Almost a fifth more women in the UK develop the disease before the age of 75 compared with those on the continent, official figures warn.
Excessive eating and drinking could be causing more women in the UK to develop cancer, warns The World Cancer Research Fund.
25 per cent of women will develop cancer by the age of 75 across Britain, according to World Health Organisation figures.
Shockingly, this is almost 20 per cent more than the average of 21 per cent recorded across Europe.
‘On average, women in the UK are more likely to be overweight and to drink more alcohol than the European average and this is a concern because both these factors increase cancer risk,’ says Dr Rachel Thompson, Deputy Head of Science for WCRF.
‘There is now very strong evidence that women who drink a lot of alcohol are at increased risk of developing the disease and that excess body fat is also an important risk factor,’ she added.
Four our of 10 Britons will develop the disease during their lives.
Recent reports from The Office for National Statistics signal that 130,043 women were diagnosed with the disease in England alone in 2009 – a rise of 2.6 per cent on the previous year.

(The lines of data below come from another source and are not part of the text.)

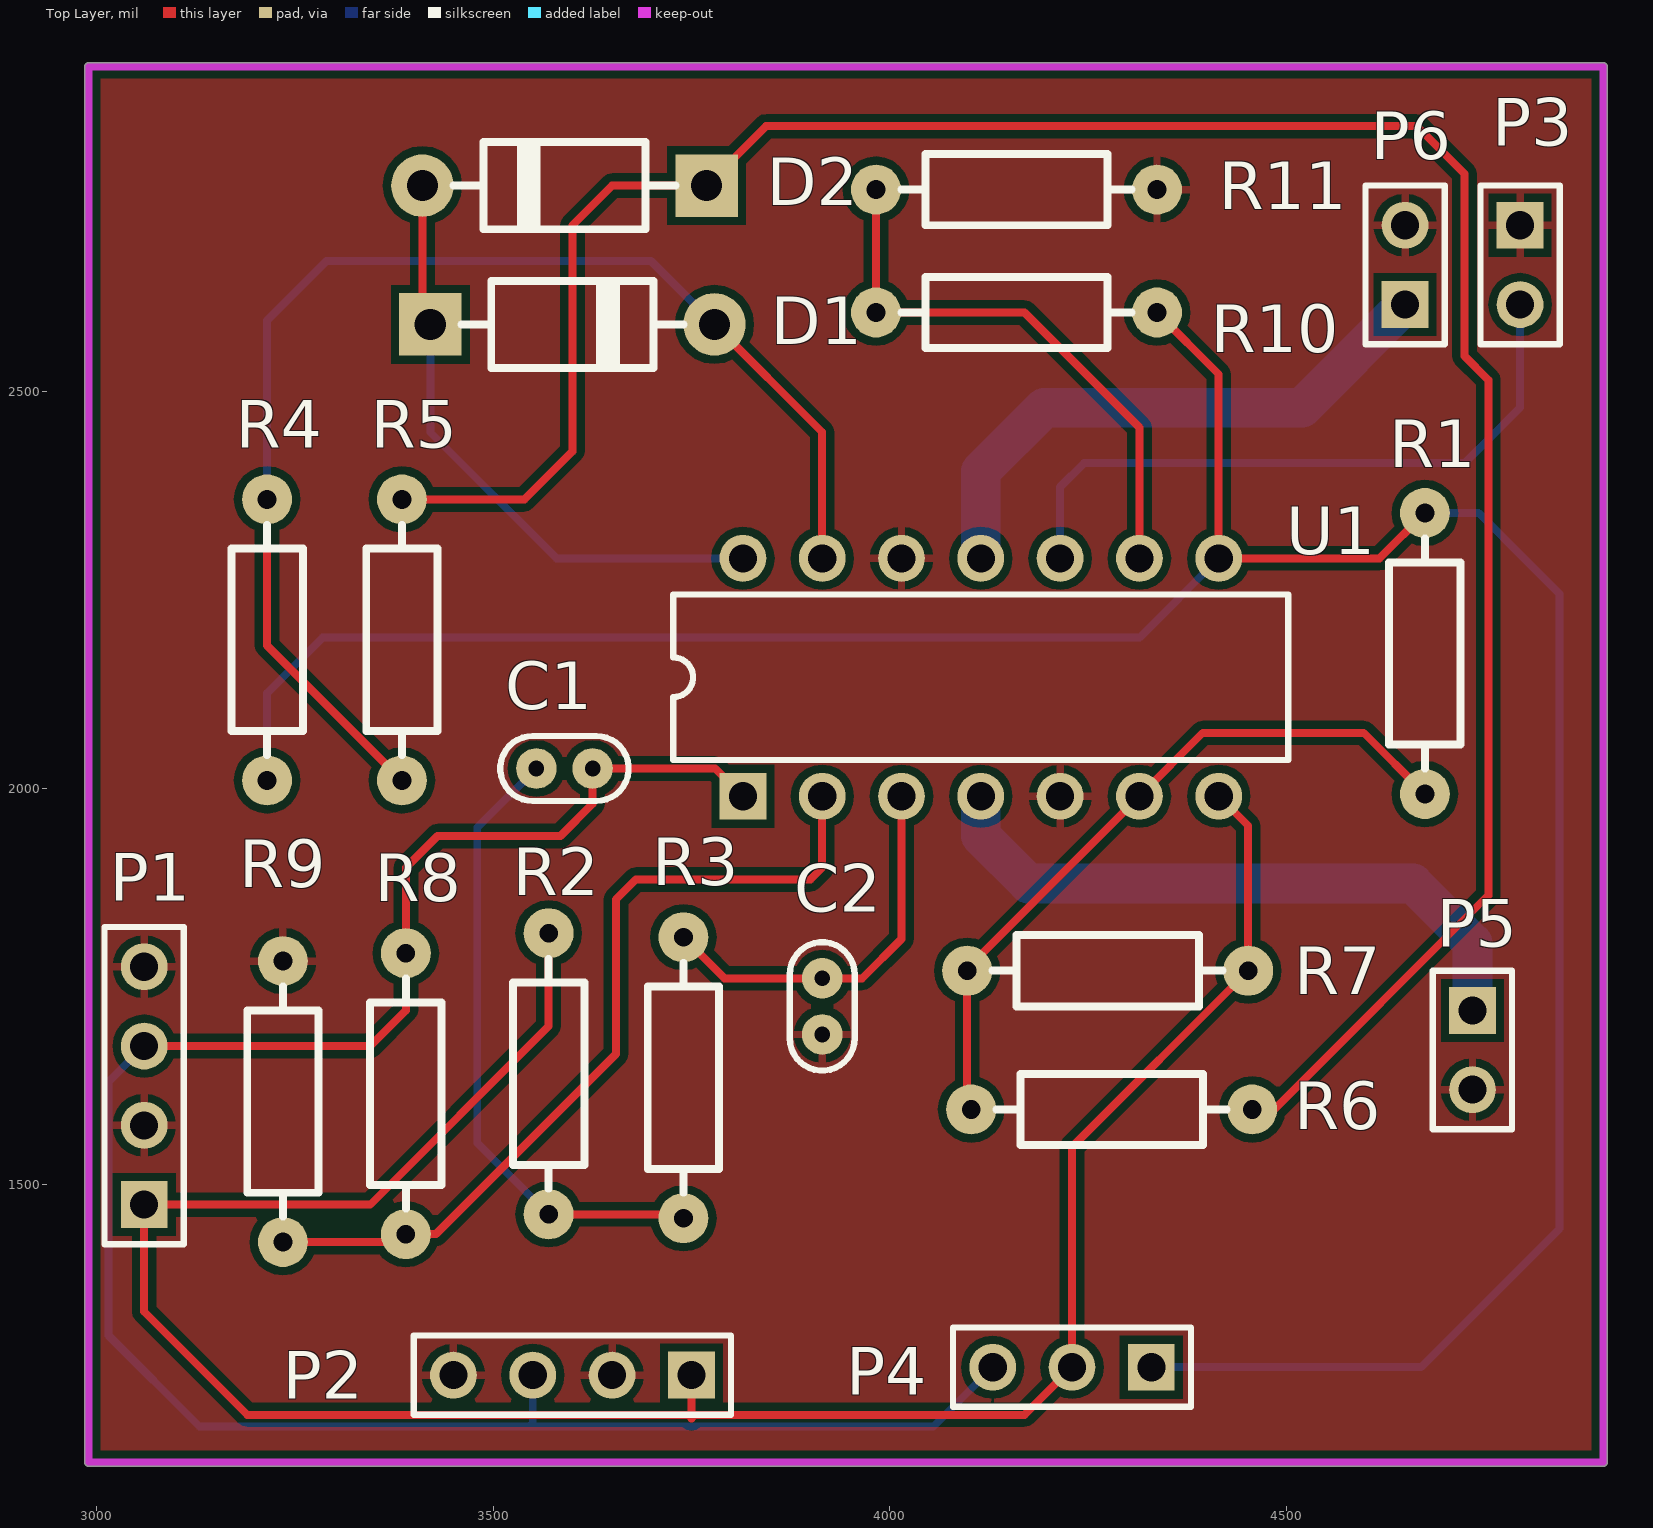
[diagram p0: Top Layer view]
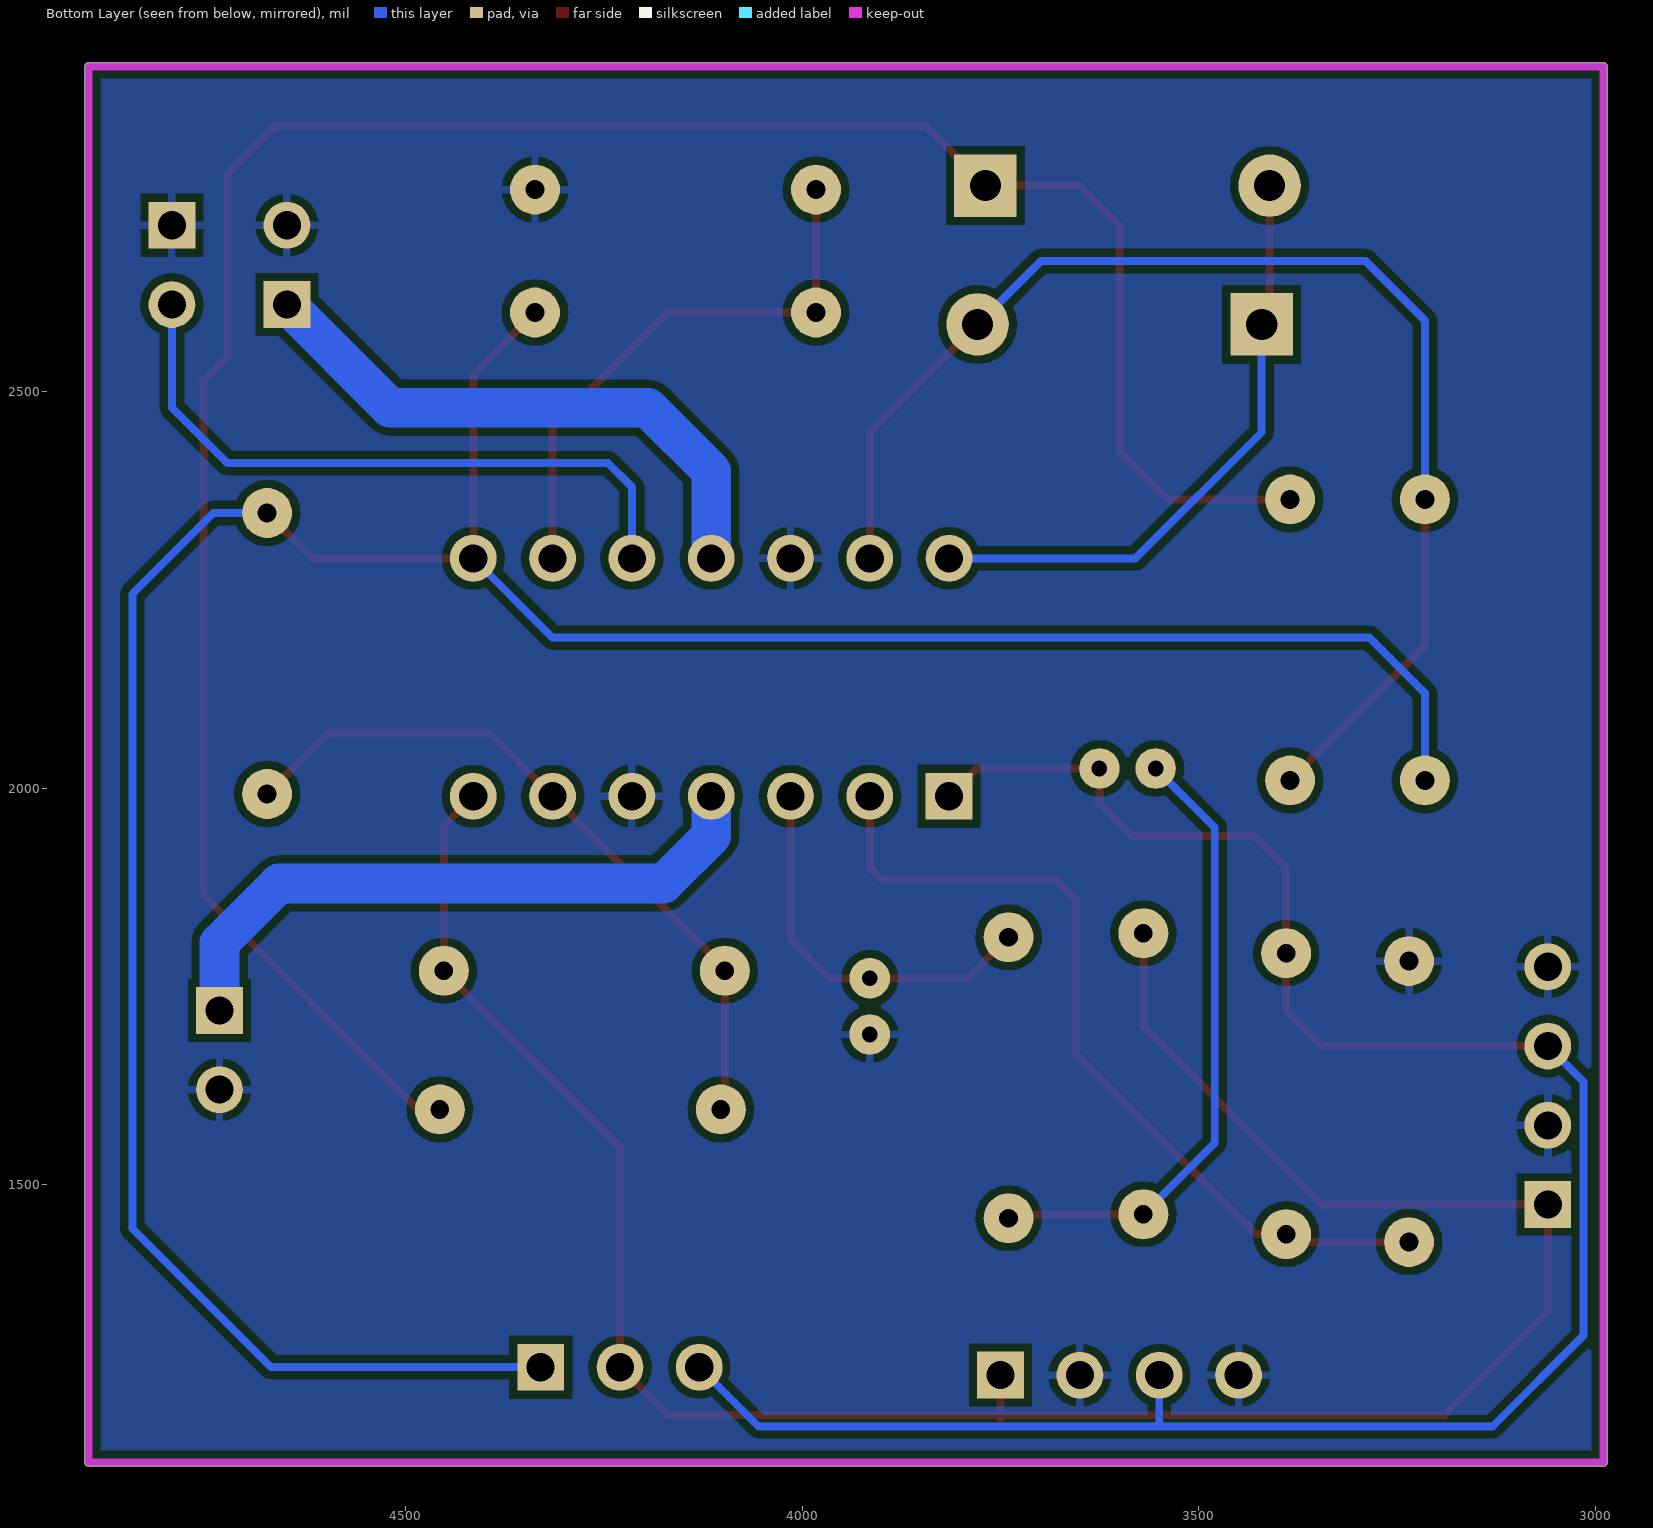
[diagram p1: Bottom Layer view, seen from below]
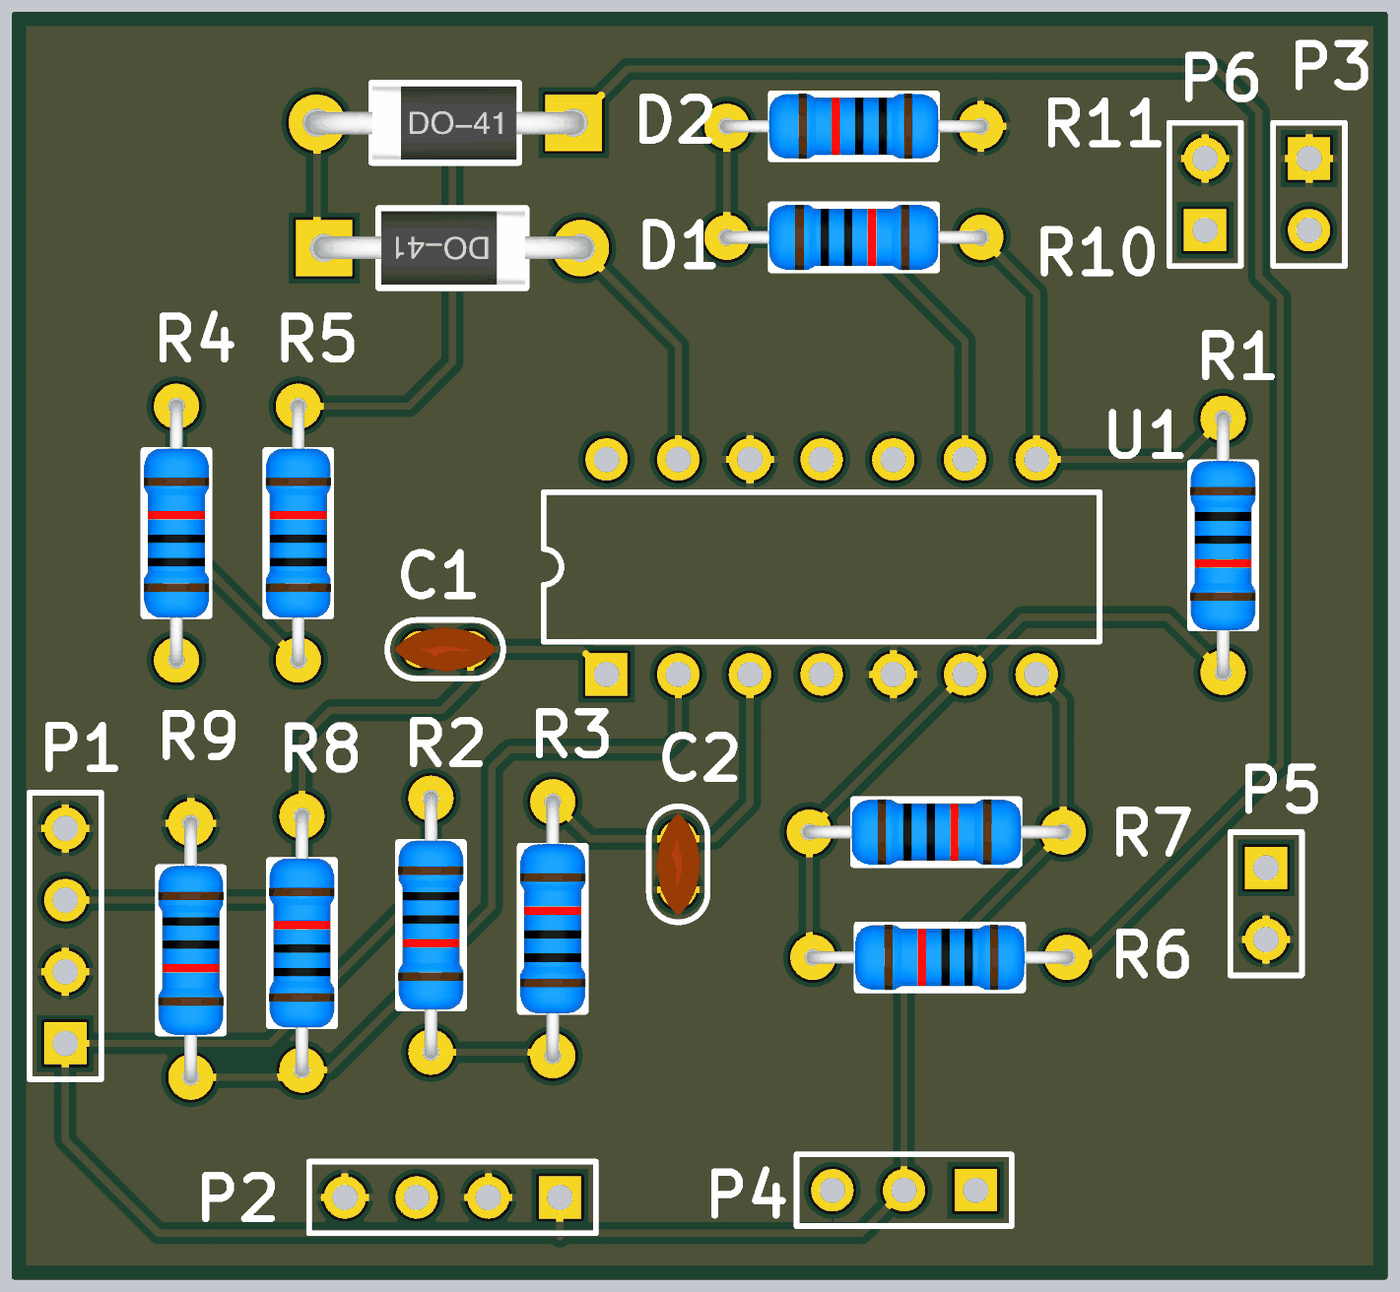
[diagram p2: 3D render of the assembled board from above, using the file's embedded part models]
# Altium PCB MISC82775.PcbDoc
Units mil, origin at the board's own origin, x right, y up, seen from the top; angles counter-clockwise.
Board outline 1920.03 x 1770.03 mil, 2 copper layers (Top Layer, Bottom Layer); 22 components, 15 nets, 61 pads, 0 vias.

## Layer stack, top to bottom (the 12.6 mil dielectric is the usual default, probably not edited)
Top Solder: solder mask 0.4, Solder Resist, Dk 3.5
Top Layer: signal copper 1.4
Dielectric 1: dielectric 12.6, FR-4, Dk 4.8
Bottom Layer: signal copper 1.4
Bottom Solder: solder mask 0.4, Solder Resist, Dk 3.5

## Board outline
2984.99,1150 ccw(c2990,1150) 2990,1144.98 4900,1144.98 ccw(c4900,1150) 4905.02,1150 4905.02,2910 ccw(c4900,2910) 4900,2915.01 2990,2915.01 ccw(c2990,2910) 2984.99,2910

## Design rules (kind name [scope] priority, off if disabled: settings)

‘One of the big public health challenges we face today is to reduce the amount of alcohol we drink as a nation and to get a grip on the obesity crisis before it spirals out of control,’ says Dr Thompson.
‘About a third of the most common cancers could be prevented by eating healthily, being physically active and maintaining a healthy weight.
And for breast cancer, which is the most common type of cancer, about four in 10 cases could be prevented through lifestyle changes.’